Admittedly, the Xbox One still has a number of games that instead of showing
up in the Backwards Compatibility library, encouraged repurchases for
"Remastered" versions. Microsoft left that as a per-game decision to support
BC or not, and whether or not to release a "Remastered" version. In some
cases, Microsoft worked with the Publishers to help upgrade would-be BC owners
to "Remastered" versions for cheap or for free (though often only through time
limited deals and sales, so obviously not all owners benefitted in every
case). Arguably one of the benefits in the case of some of the "Remastered"
versions has been that publishers were given the chance to "upgrade" from
custom ARM builds for the 360 to nearly the exact same x64 builds they run on
Windows, further moving more of the library directly (and literally) to the
"PC model".

Microsoft has a lot of good reasons to want the Xbox and PC to be friends and
to increasingly apply the PC model to the Xbox. (Xbox Play Anywhere where you
can buy a game once and play it both on PC and Xbox, often with cross-play
between the platforms, is magical.)

The Xbox Store / Microsoft Store usually has good deals on par with Steam
rotating every week, with the usual big sales around the holidays. They also
generally have bonus discounts for gamers with Xbox Live Gold and/or Xbox Game
Pass subscriptions.

------
jameskilton
Yes the gaming community can be exceedingly toxic at times, but in this case
I'd say that developers and publishers did this to themselves.
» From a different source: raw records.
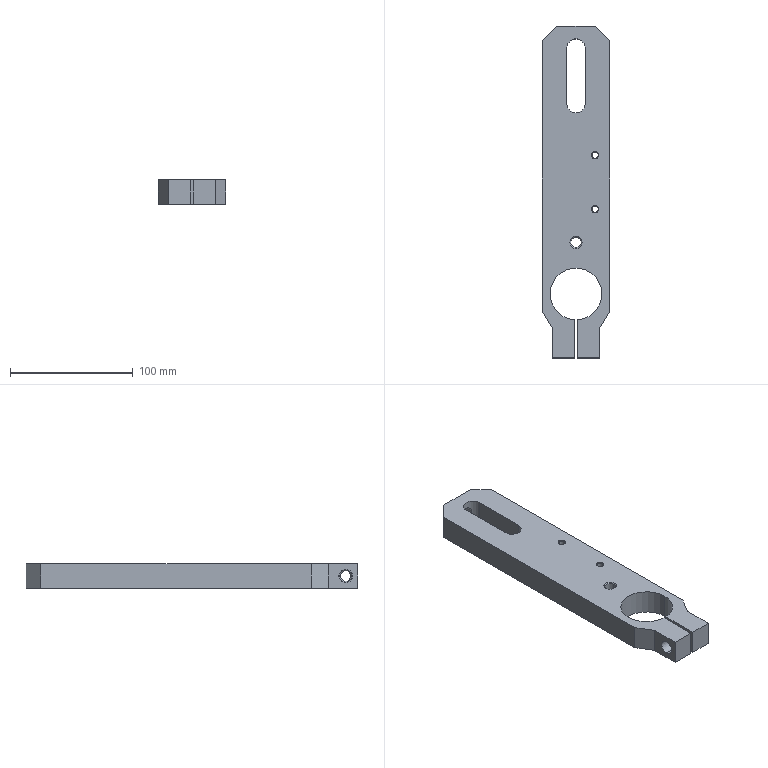Component | SolidWorks | DoubleFilmTransport-1_WheelTensionAdjustmentPlate-1 | 1 solid | 42 faces | box 55 x 270 x 20 mm | volume 232232 mm3 | cylinder 17 | plane 17 | cone 8 | commonest cylinder face diameters 8.5 x4 5 x4 42 x3 11 x2 9 x2 15 x2
build123d program:
from build123d import *

# Parameters (mm, degrees)
BOSS_EXTRUDE1_DEPTH                                  = 20
CUT_EXTRUDE1_DEPTH                                   = 221.636
CUT_EXTRUDE2_DEPTH                                   = 221.636
CUT_EXTRUDE3_DEPTH                                   = 221.636
CUT_EXTRUDE4_DEPTH                                   = 221.636
SKETCH6_W                                            = 21
SKETCH6_H                                            = 20
COUNTERSUNK_HOLE_1_FOR_M8_FLAT_HEAD_MACH_D           = 8.5
COUNTERSUNK_HOLE_1_FOR_M8_FLAT_HEAD_MACH_CSINK_D     = 10.05
COUNTERSUNK_HOLE_1_FOR_M8_FLAT_HEAD_MACH_CSINK_ANGLE = 90
F_5_0_5_DIAMETER_HOLE1_D                             = 5
F_5_0_5_DIAMETER_HOLE1_CSINK_D                       = 6.05
F_5_0_5_DIAMETER_HOLE1_CSINK_ANGLE                   = 90
F_9_0_9_DIAMETER_HOLE1_REACH                         = 273.581
F_9_0_9_DIAMETER_HOLE1_BORE_R                        = 4.5
SKETCH15_W                                           = 5.5
SKETCH15_H                                           = 26.5


with BuildPart() as part:
    # Sketch1 → Boss-Extrude1 (new body)
    with BuildSketch(Plane.XY.offset(10)):
        Polygon((-27.5, 206), (-27.5, -52), (27.5, -52), (27.5, 206), (15.5, 218), (-15.5, 218), align=None)
    extrude(amount=-BOSS_EXTRUDE1_DEPTH)

    # Sketch2 → Cut-Extrude1 (cut, through all)
    with BuildSketch(Plane(origin=(0, 0, -10), x_dir=(-1, 0, 0), z_dir=(0, 0, -1))):
        Polygon((27.5, -14), (19, -28), (19, -52), (27.5, -52), align=None)
    extrude(amount=-CUT_EXTRUDE1_DEPTH, mode=Mode.SUBTRACT)

    # Sketch3 → Cut-Extrude2 (cut, through all)
    with BuildSketch(Plane(origin=(0, 0, -10), x_dir=(-1, 0, 0), z_dir=(0, 0, -1))):
        with BuildLine():
            Line((1, -52), (1, -20.976))
            ThreePointArc((1, -20.976), (0, -21), (-1, -20.976))
            Line((-1, -20.976), (-1, -52))
            Line((-1, -52), (1, -52))
        make_face()
    extrude(amount=-CUT_EXTRUDE2_DEPTH, mode=Mode.SUBTRACT)

    # Sketch4 → Cut-Extrude3 (cut, through all)
    with BuildSketch(Plane(origin=(0, 0, -10), x_dir=(-1, 0, 0), z_dir=(0, 0, -1))):
        Polygon((-19, -52), (-19, -28), (-27.5, -14), (-27.5, -52), align=None)
    extrude(amount=-CUT_EXTRUDE3_DEPTH, mode=Mode.SUBTRACT)

    # Sketch5 → Cut-Extrude4 (cut, through all)
    with BuildSketch(Plane(origin=(0, 0, -10), x_dir=(-1, 0, 0), z_dir=(0, 0, -1))):
        with BuildLine():
            Line((7.5, 155), (7.5, 200))
            ThreePointArc((7.5, 200), (0, 207.5), (-7.5, 200))
            Line((-7.5, 200), (-7.5, 155))
            ThreePointArc((-7.5, 155), (0, 147.5), (7.5, 155))
        make_face()
    extrude(amount=-CUT_EXTRUDE4_DEPTH, mode=Mode.SUBTRACT)

    # Sketch6 → Cut-Revolve1 (revolve, cut)
    with BuildSketch(Plane.XZ):
        with Locations((10.5, 0)):
            Rectangle(SKETCH6_W, SKETCH6_H)
    revolve(axis=Axis((0, 0, 10), (0, 0, -1)), mode=Mode.SUBTRACT)

    # Countersunk Hole 1 for M8 Flat Head Mach (through all)
    with Locations(Plane.XY.offset(10)):
        with Locations((0, 42)):
            CounterSinkHole(COUNTERSUNK_HOLE_1_FOR_M8_FLAT_HEAD_MACH_D / 2, COUNTERSUNK_HOLE_1_FOR_M8_FLAT_HEAD_MACH_CSINK_D / 2, counter_sink_angle=COUNTERSUNK_HOLE_1_FOR_M8_FLAT_HEAD_MACH_CSINK_ANGLE)

    # 5.0 _5_ Diameter Hole1 (through all)
    with Locations(Plane.XY.offset(10)):
        with Locations((15.5, 69), (15.5, 113)):
            CounterSinkHole(F_5_0_5_DIAMETER_HOLE1_D / 2, F_5_0_5_DIAMETER_HOLE1_CSINK_D / 2, counter_sink_angle=F_5_0_5_DIAMETER_HOLE1_CSINK_ANGLE)

    # 9.0 _9_ Diameter Hole1 bore → 9.0 _9_ Diameter Hole1 (cut, up to next)
    with BuildSketch(Plane(origin=(0, 218, 0), x_dir=(1, 0, 0), z_dir=(0, 1, 0)), mode=Mode.PRIVATE) as f_9_0_9_diameter_hole1_sk1:
        Circle(F_9_0_9_DIAMETER_HOLE1_BORE_R)
    f_9_0_9_diameter_hole1_tool1 = extrude(f_9_0_9_diameter_hole1_sk1.sketch, amount=-F_9_0_9_DIAMETER_HOLE1_REACH, mode=Mode.PRIVATE) & part.part
    add(f_9_0_9_diameter_hole1_tool1.solids().sort_by_distance((0, 218, 0))[0], mode=Mode.SUBTRACT)

    # Sketch13 → Countersunk Hole 2 for M8 Flat Head Mach (revolve, cut)
    with BuildSketch(Plane(origin=(1, -42, 0), x_dir=(0, 0, 1), z_dir=(0, 1, 0))):
        Polygon((0, 0), (0, 26.5), (4.25, 26.5), (4.25, 0.775), (5.025, 0), align=None)
    revolve(axis=Axis((-5.35, -42, 0), (1, 0, 0)), mode=Mode.SUBTRACT)

    # Sketch15 → 11.0 _11_ Diameter Hole1 (revolve, cut)
    with BuildSketch(Plane(origin=(-1, -42, 0), x_dir=(0, 0, -1), z_dir=(0, 1, 0))):
        with Locations((2.75, 13.25)):
            Rectangle(SKETCH15_W, SKETCH15_H)
    revolve(axis=Axis((5.35, -42, 0), (-1, 0, 0)), mode=Mode.SUBTRACT)


solid = part.part

# Placed as in the assembly
solid = solid.moved(Location((-384.677, 83.374, 86), (0, 0, 0)))

Biggest case-in-point since Watch Dogs: Anthem.

Here's the E3 reveal:
[https://www.youtube.com/watch?v=EL5GSfs9fi4&t=330s](https://www.youtube.com/watch?v=EL5GSfs9fi4&t=330s).

We have since learned[1], after the disastrous launch of this game, that this
video was showing _even the dev team_ what the game was supposed to be about.
This game did not even exist yet as an official entity until after E3 2017
(heck, it was going to be called "Beyond" until the week-ish before E3), and
then the team had just over a year to build and launch it, with predictable
results.

[1] [https://kotaku.com/how-biowares-anthem-went-
wrong-1833731964](https://kotaku.com/how-biowares-anthem-went-
wrong-1833731964)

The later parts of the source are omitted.